The solution to drill on land isn't as clear cut above offshore drilling as you make it out to be. For offshore drilling, I am inclined to think that oil rigs had a decent track record as far as accidents go. The only one I've really ever heard about was Exxon-Valdez. So, under this assumption, you have two choices, drill Alaska or drill the Gulf.

 

Why not drill Alaska?

Many species, I'm sure some of which are endangered, otherwise this wouldn't be a huge issue, will undergo habitat destabilization if drilling were to occur. Now, elk, for example, prefer to live in heavily wooded habitats.

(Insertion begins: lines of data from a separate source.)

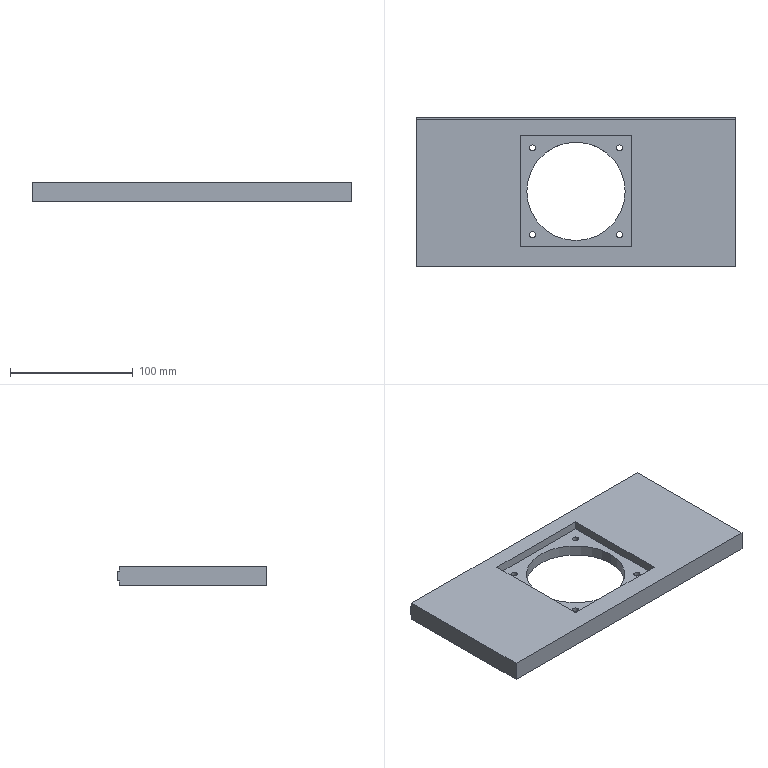Component | SolidWorks | NewTypeCurveBenderReducerPlate-DoubleWheel-2_NewTypeCurveBenderReducerPlate-DoubleWheel-1 | 1 solid | 25 faces | box 260 x 122 x 16 mm | volume 400082 mm3 | plane 15 | cylinder 10 | commonest cylinder face diameters 5 x8 80 x2
STEP:
#1=CARTESIAN_POINT('',(1.49,-3.38,7.559));
#2=VERTEX_POINT('',#1);
#3=CARTESIAN_POINT('',(1.294,-3.38,7.559));
#4=VERTEX_POINT('',#3);
#5=CARTESIAN_POINT('',(1.392,-3.38,7.559));
#6=DIRECTION('',(-0.,-0.,1.));
#7=DIRECTION('',(-1.,0.,0.));
#8=AXIS2_PLACEMENT_3D('',#5,#6,#7);
#9=CIRCLE('',#8,0.09843);
#10=EDGE_CURVE('',#2,#4,#9,.T.);
#11=ORIENTED_EDGE('',*,*,#10,.F.);
#12=CARTESIAN_POINT('',(1.49,-3.38,7.913));
#13=VERTEX_POINT('',#12);
#14=CARTESIAN_POINT('',(1.49,-3.38,8.031));
#15=DIRECTION('',(-0.,-0.,1.));
#16=VECTOR('',#15,39.37);
#17=LINE('',#14,#16);
#18=EDGE_CURVE('',#2,#13,#17,.T.);
#19=ORIENTED_EDGE('',*,*,#18,.T.);
#20=CARTESIAN_POINT('',(1.294,-3.38,7.913));
#21=VERTEX_POINT('',#20);
#22=CARTESIAN_POINT('',(1.392,-3.38,7.913));
#23=DIRECTION('',(-0.,-0.,1.));
#24=DIRECTION('',(1.,0.,0.));
#25=AXIS2_PLACEMENT_3D('',#22,#23,#24);
#26=CIRCLE('',#25,0.09843);
#27=EDGE_CURVE('',#13,#21,#26,.T.);
#28=ORIENTED_EDGE('',*,*,#27,.T.);
#29=CARTESIAN_POINT('',(1.294,-3.38,8.031));
#30=DIRECTION('',(-0.,-0.,1.));
#31=VECTOR('',#30,39.37);
#32=LINE('',#29,#31);
#33=EDGE_CURVE('',#4,#21,#32,.T.);
#34=ORIENTED_EDGE('',*,*,#33,.F.);
#35=EDGE_LOOP('',(#11,#19,#28,#34));
#36=FACE_OUTER_BOUND('',#35,.T.);
#37=CARTESIAN_POINT('',(1.392,-3.38,8.031));
#38=DIRECTION('',(-0.,-0.,1.));
#39=DIRECTION('',(-1.,0.,0.));
#40=AXIS2_PLACEMENT_3D('',#37,#38,#39);
#41=CYLINDRICAL_SURFACE('',#40,0.09843);
#42=ADVANCED_FACE('',(#36),#41,.F.);
#43=CARTESIAN_POINT('',(-1.294,-3.38,7.559));
#44=VERTEX_POINT('',#43);
#45=CARTESIAN_POINT('',(-1.49,-3.38,7.559));
#46=VERTEX_POINT('',#45);
#47=CARTESIAN_POINT('',(-1.392,-3.38,7.559));
#48=DIRECTION('',(-0.,-0.,1.));
#49=DIRECTION('',(-1.,0.,0.));
#50=AXIS2_PLACEMENT_3D('',#47,#48,#49);
#51=CIRCLE('',#50,0.09843);
#52=EDGE_CURVE('',#44,#46,#51,.T.);
#53=ORIENTED_EDGE('',*,*,#52,.F.);
#54=CARTESIAN_POINT('',(-1.294,-3.38,7.913));
#55=VERTEX_POINT('',#54);
#56=CARTESIAN_POINT('',(-1.294,-3.38,8.031));
#57=DIRECTION('',(-0.,-0.,1.));
#58=VECTOR('',#57,39.37);
#59=LINE('',#56,#58);
#60=EDGE_CURVE('',#44,#55,#59,.T.);
#61=ORIENTED_EDGE('',*,*,#60,.T.);
#62=CARTESIAN_POINT('',(-1.49,-3.38,7.913));
#63=VERTEX_POINT('',#62);
#64=CARTESIAN_POINT('',(-1.392,-3.38,7.913));
#65=DIRECTION('',(-0.,-0.,1.));
#66=DIRECTION('',(1.,0.,0.));
#67=AXIS2_PLACEMENT_3D('',#64,#65,#66);
#68=CIRCLE('',#67,0.09843);
#69=EDGE_CURVE('',#55,#63,#68,.T.);
#70=ORIENTED_EDGE('',*,*,#69,.T.);
#71=CARTESIAN_POINT('',(-1.49,-3.38,8.031));
#72=DIRECTION('',(-0.,-0.,1.));
#73=VECTOR('',#72,39.37);
#74=LINE('',#71,#73);
#75=EDGE_CURVE('',#46,#63,#74,.T.);
#76=ORIENTED_EDGE('',*,*,#75,.F.);
#77=EDGE_LOOP('',(#53,#61,#70,#76));
#78=FACE_OUTER_BOUND('',#77,.T.);
#79=CARTESIAN_POINT('',(-1.392,-3.38,8.031));
#80=DIRECTION('',(-0.,-0.,1.));
#81=DIRECTION('',(-1.,0.,0.));
#82=AXIS2_PLACEMENT_3D('',#79,#80,#81);
#83=CYLINDRICAL_SURFACE('',#82,0.09843);
#84=ADVANCED_FACE('',(#78),#83,.F.);
#85=CARTESIAN_POINT('',(-1.294,-0.5962,7.559));
#86=VERTEX_POINT('',#85);
#87=CARTESIAN_POINT('',(-1.49,-0.5962,7.559));
#88=VERTEX_POINT('',#87);
#89=CARTESIAN_POINT('',(-1.392,-0.5962,7.559));
#90=DIRECTION('',(-0.,-0.,1.));
#91=DIRECTION('',(-1.,0.,0.));
#92=AXIS2_PLACEMENT_3D('',#89,#90,#91);
#93=CIRCLE('',#92,0.09843);
#94=EDGE_CURVE('',#86,#88,#93,.T.);
#95=ORIENTED_EDGE('',*,*,#94,.F.);
#96=CARTESIAN_POINT('',(-1.294,-0.5962,7.913));
#97=VERTEX_POINT('',#96);
#98=CARTESIAN_POINT('',(-1.294,-0.5962,8.031));
#99=DIRECTION('',(-0.,-0.,1.));
#100=VECTOR('',#99,39.37);
#101=LINE('',#98,#100);
#102=EDGE_CURVE('',#86,#97,#101,.T.);
#103=ORIENTED_EDGE('',*,*,#102,.T.);
#104=CARTESIAN_POINT('',(-1.49,-0.5962,7.913));
#105=VERTEX_POINT('',#104);
#106=CARTESIAN_POINT('',(-1.392,-0.5962,7.913));
#107=DIRECTION('',(-0.,-0.,1.));
#108=DIRECTION('',(1.,0.,0.));
#109=AXIS2_PLACEMENT_3D('',#106,#107,#108);
#110=CIRCLE('',#109,0.09843);
#111=EDGE_CURVE('',#97,#105,#110,.T.);
#112=ORIENTED_EDGE('',*,*,#111,.T.);
#113=CARTESIAN_POINT('',(-1.49,-0.5962,8.031));
#114=DIRECTION('',(-0.,-0.,1.));
#115=VECTOR('',#114,39.37);
#116=LINE('',#113,#115);
#117=EDGE_CURVE('',#88,#105,#116,.T.);
#118=ORIENTED_EDGE('',*,*,#117,.F.);
#119=EDGE_LOOP('',(#95,#103,#112,#118));
#120=FACE_OUTER_BOUND('',#119,.T.);
#121=CARTESIAN_POINT('',(-1.392,-0.5962,8.031));
#122=DIRECTION('',(-0.,-0.,1.));
#123=DIRECTION('',(-1.,0.,0.));
#124=AXIS2_PLACEMENT_3D('',#121,#122,#123);
#125=CYLINDRICAL_SURFACE('',#124,0.09843);
#126=ADVANCED_FACE('',(#120),#125,.F.);
#127=CARTESIAN_POINT('',(1.49,-0.5962,7.559));
#128=VERTEX_POINT('',#127);
#129=CARTESIAN_POINT('',(1.294,-0.5962,7.559));
#130=VERTEX_POINT('',#129);
#131=CARTESIAN_POINT('',(1.392,-0.5962,7.559));
#132=DIRECTION('',(-0.,-0.,1.));
#133=DIRECTION('',(-1.,0.,0.));
#134=AXIS2_PLACEMENT_3D('',#131,#132,#133);
#135=CIRCLE('',#134,0.09843);
#136=EDGE_CURVE('',#128,#130,#135,.T.);
#137=ORIENTED_EDGE('',*,*,#136,.F.);
#138=CARTESIAN_POINT('',(1.49,-0.5962,7.913));
#139=VERTEX_POINT('',#138);
#140=CARTESIAN_POINT('',(1.49,-0.5962,8.031));
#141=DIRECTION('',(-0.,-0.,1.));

In one example I've read about, 1% of a forest was affected by having a pipeline run through it, this resulted in the elk not using 60% of the forest, just because of one little pipeline. Numbers thinned, because the smaller habitat couldn't support population. So, by drilling Alaska, you are going to ruin ecosystems.

 

Then why drill the Gulf?

Because of having to deal with tree-huggers in Alaska, the Gulf becomes the obvious choice. Oil rigs have decent track records and safety precautions to prevent spills. There is less evidence of environmental harm of underwater drilling just because of the fact that it's harder to conduct a study in a broad ocean, and animal observations are much harder. So, if tree-huggers have a harder time giving you grief this way, you go this way, because they are the single largest obstacle to the established drilling of oil wells.

 

I think Obama made the obvious choice, but I don't really feel that too much blame should go to him, as there's no way, in 2008, the US President says, "we're cutting off all oil drilling. Time to line the Saudi's pockets." Does that not seem like political suicide? I will say though, that Obama is ultimately responsible for this, but I'll save my judgment for how he reacts to this situation, shutting off all off-shore drilling until a disaster like this is ensured to NEVER happen again is a good first step. Also, I do agree with Maher in that we NEED to get off of fossil fuels and find a renewable energy source which we start building our infrastructure around. I can only hope that this will be the kick in the ass this country needs to TRULY get that initiative started.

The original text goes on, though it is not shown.